Research Highlight: Artificial Intelligence for Ruling Out Negative Examinations in Screening Breast MRI.

Take-home points

• Artificial intelligence (AI) application in triaging could optimize worklists after prioritizing examinations according to the complexity or likelihood of cancer diagnosis (i.e., soft triage) or identifying and ruling out negative or cancer-free examinations from the worklist (i.e., hard triage).

• A published AI model ruled out 39.7% of 3796 normal examinations maintaining 100% sensitivity for breast cancer in screening breast MRI for female aged 50–75 years with extremely dense breasts.

• Relative weights of the benefits and harms of dismissing examinations by AI systems should be taken into account.

Related KJR Quick Survey results are provided at the end of the article.

For breast cancer screening, mammography is the current standard modality for average-risk female, decreasing the mortality rate by detecting early-stage cancers. However, screening mammograms have some limitations, such as mammographically missed cancers. The sensitivity of screening mammography is 80%–85%, which declines to 50%–64% for extremely dense breasts [12]. Mammographically dense fibroglandular tissue that appears radiopaque as breast masses can reduce mammographic sensitivity by masking breast cancers. This has led to a growing interest in imaging modalities beyond mammography for supplemental screening, despite the ongoing debate on its benefits.

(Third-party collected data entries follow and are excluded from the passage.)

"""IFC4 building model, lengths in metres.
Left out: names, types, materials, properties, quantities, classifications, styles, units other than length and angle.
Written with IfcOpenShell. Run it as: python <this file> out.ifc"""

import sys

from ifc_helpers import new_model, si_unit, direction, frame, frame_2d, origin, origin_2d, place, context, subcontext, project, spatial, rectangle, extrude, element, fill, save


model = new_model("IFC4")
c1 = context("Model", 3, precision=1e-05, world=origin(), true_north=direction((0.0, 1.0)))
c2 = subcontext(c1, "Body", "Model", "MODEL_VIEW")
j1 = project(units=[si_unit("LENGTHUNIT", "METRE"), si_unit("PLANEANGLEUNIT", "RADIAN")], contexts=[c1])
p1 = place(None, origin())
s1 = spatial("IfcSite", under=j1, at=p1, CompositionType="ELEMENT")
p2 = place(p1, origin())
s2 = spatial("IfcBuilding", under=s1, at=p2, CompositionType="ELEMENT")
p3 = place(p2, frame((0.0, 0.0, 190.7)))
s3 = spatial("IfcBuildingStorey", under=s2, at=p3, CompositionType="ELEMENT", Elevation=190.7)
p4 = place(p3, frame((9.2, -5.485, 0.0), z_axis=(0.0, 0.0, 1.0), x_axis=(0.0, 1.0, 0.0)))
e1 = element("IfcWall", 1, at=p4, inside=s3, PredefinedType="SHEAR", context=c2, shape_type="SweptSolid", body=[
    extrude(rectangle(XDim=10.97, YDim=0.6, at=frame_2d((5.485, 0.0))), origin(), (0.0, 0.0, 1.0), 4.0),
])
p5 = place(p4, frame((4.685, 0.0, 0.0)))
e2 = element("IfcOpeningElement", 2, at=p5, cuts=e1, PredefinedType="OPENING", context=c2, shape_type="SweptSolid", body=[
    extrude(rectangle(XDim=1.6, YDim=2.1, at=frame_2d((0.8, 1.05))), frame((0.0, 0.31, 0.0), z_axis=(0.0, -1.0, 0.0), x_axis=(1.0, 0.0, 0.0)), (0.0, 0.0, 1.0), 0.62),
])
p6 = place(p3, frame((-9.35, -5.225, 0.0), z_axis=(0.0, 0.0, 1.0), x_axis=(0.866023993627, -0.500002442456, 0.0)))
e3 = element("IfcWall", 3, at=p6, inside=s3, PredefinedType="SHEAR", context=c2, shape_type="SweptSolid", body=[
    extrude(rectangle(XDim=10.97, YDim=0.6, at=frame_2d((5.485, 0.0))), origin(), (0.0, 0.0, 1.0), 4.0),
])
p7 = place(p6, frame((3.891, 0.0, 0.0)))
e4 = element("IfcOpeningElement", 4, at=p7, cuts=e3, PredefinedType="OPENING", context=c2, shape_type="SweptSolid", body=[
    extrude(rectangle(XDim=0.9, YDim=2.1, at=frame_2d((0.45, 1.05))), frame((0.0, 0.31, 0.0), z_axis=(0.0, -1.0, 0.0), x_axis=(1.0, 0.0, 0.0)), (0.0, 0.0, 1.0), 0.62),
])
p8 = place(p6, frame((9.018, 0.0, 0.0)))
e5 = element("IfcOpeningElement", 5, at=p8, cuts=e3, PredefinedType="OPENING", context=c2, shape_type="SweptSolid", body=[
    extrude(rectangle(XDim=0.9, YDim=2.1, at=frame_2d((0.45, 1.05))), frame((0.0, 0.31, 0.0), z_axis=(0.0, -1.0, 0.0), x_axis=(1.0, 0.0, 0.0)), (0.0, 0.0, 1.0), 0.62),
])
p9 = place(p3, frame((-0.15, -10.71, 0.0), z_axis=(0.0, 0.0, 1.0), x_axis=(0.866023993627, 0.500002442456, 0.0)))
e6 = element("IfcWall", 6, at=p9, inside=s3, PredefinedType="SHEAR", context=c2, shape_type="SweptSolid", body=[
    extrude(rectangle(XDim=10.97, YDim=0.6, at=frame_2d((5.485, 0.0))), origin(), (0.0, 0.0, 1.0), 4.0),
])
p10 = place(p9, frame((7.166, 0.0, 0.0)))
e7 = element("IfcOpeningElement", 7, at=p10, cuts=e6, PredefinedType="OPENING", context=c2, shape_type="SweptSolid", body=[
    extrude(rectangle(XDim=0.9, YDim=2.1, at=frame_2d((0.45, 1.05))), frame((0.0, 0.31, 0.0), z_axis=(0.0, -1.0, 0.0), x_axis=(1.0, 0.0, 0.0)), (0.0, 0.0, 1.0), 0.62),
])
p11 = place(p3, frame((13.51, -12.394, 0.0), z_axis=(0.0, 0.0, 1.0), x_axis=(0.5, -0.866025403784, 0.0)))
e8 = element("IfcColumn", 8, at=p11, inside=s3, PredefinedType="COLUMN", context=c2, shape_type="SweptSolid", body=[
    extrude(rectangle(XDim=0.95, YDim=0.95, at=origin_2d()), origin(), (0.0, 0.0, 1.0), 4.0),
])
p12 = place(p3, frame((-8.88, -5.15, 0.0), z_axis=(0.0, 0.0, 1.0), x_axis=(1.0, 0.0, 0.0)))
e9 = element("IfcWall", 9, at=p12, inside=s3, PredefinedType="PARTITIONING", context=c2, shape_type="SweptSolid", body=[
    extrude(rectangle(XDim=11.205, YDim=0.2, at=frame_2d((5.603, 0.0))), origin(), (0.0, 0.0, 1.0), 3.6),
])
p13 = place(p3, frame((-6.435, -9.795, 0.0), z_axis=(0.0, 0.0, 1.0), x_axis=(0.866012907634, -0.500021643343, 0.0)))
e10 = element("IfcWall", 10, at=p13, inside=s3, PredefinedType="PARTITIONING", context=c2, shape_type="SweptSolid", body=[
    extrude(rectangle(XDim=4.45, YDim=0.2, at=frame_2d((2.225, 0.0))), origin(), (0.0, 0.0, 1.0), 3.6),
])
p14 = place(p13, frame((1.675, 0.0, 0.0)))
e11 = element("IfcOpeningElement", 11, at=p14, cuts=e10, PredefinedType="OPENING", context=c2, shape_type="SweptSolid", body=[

Breast MRI has excellent sensitivity for breast cancer detection and has been routinely offered as supplemental screening for high-risk populations only [3]. Nonetheless, it has demonstrated an increased detection rate in intermediate-risk and average-risk female [34]. MRI, not limited by mammographic breast density, may be valuable as a supplemental screening tool for average-risk female with dense breasts [5]. The Dense Tissue and Early Breast Neoplasm Screening (DENSE) trial, a randomized controlled trial in the Netherlands, investigated the effect of supplemental MRI on the incidence of interval cancers in female with extremely dense breasts and showed its potential mortality benefit with an additional cancer detection rate of 16.5 per 1000 and a 50% reduction in interval cancer rate [56]. However, considering that extremely dense breasts account for approximately 10% of the screening population, radiologists’ workload associated with the population-wide use of supplemental MRI for female with extremely dense breasts must be overwhelming [7].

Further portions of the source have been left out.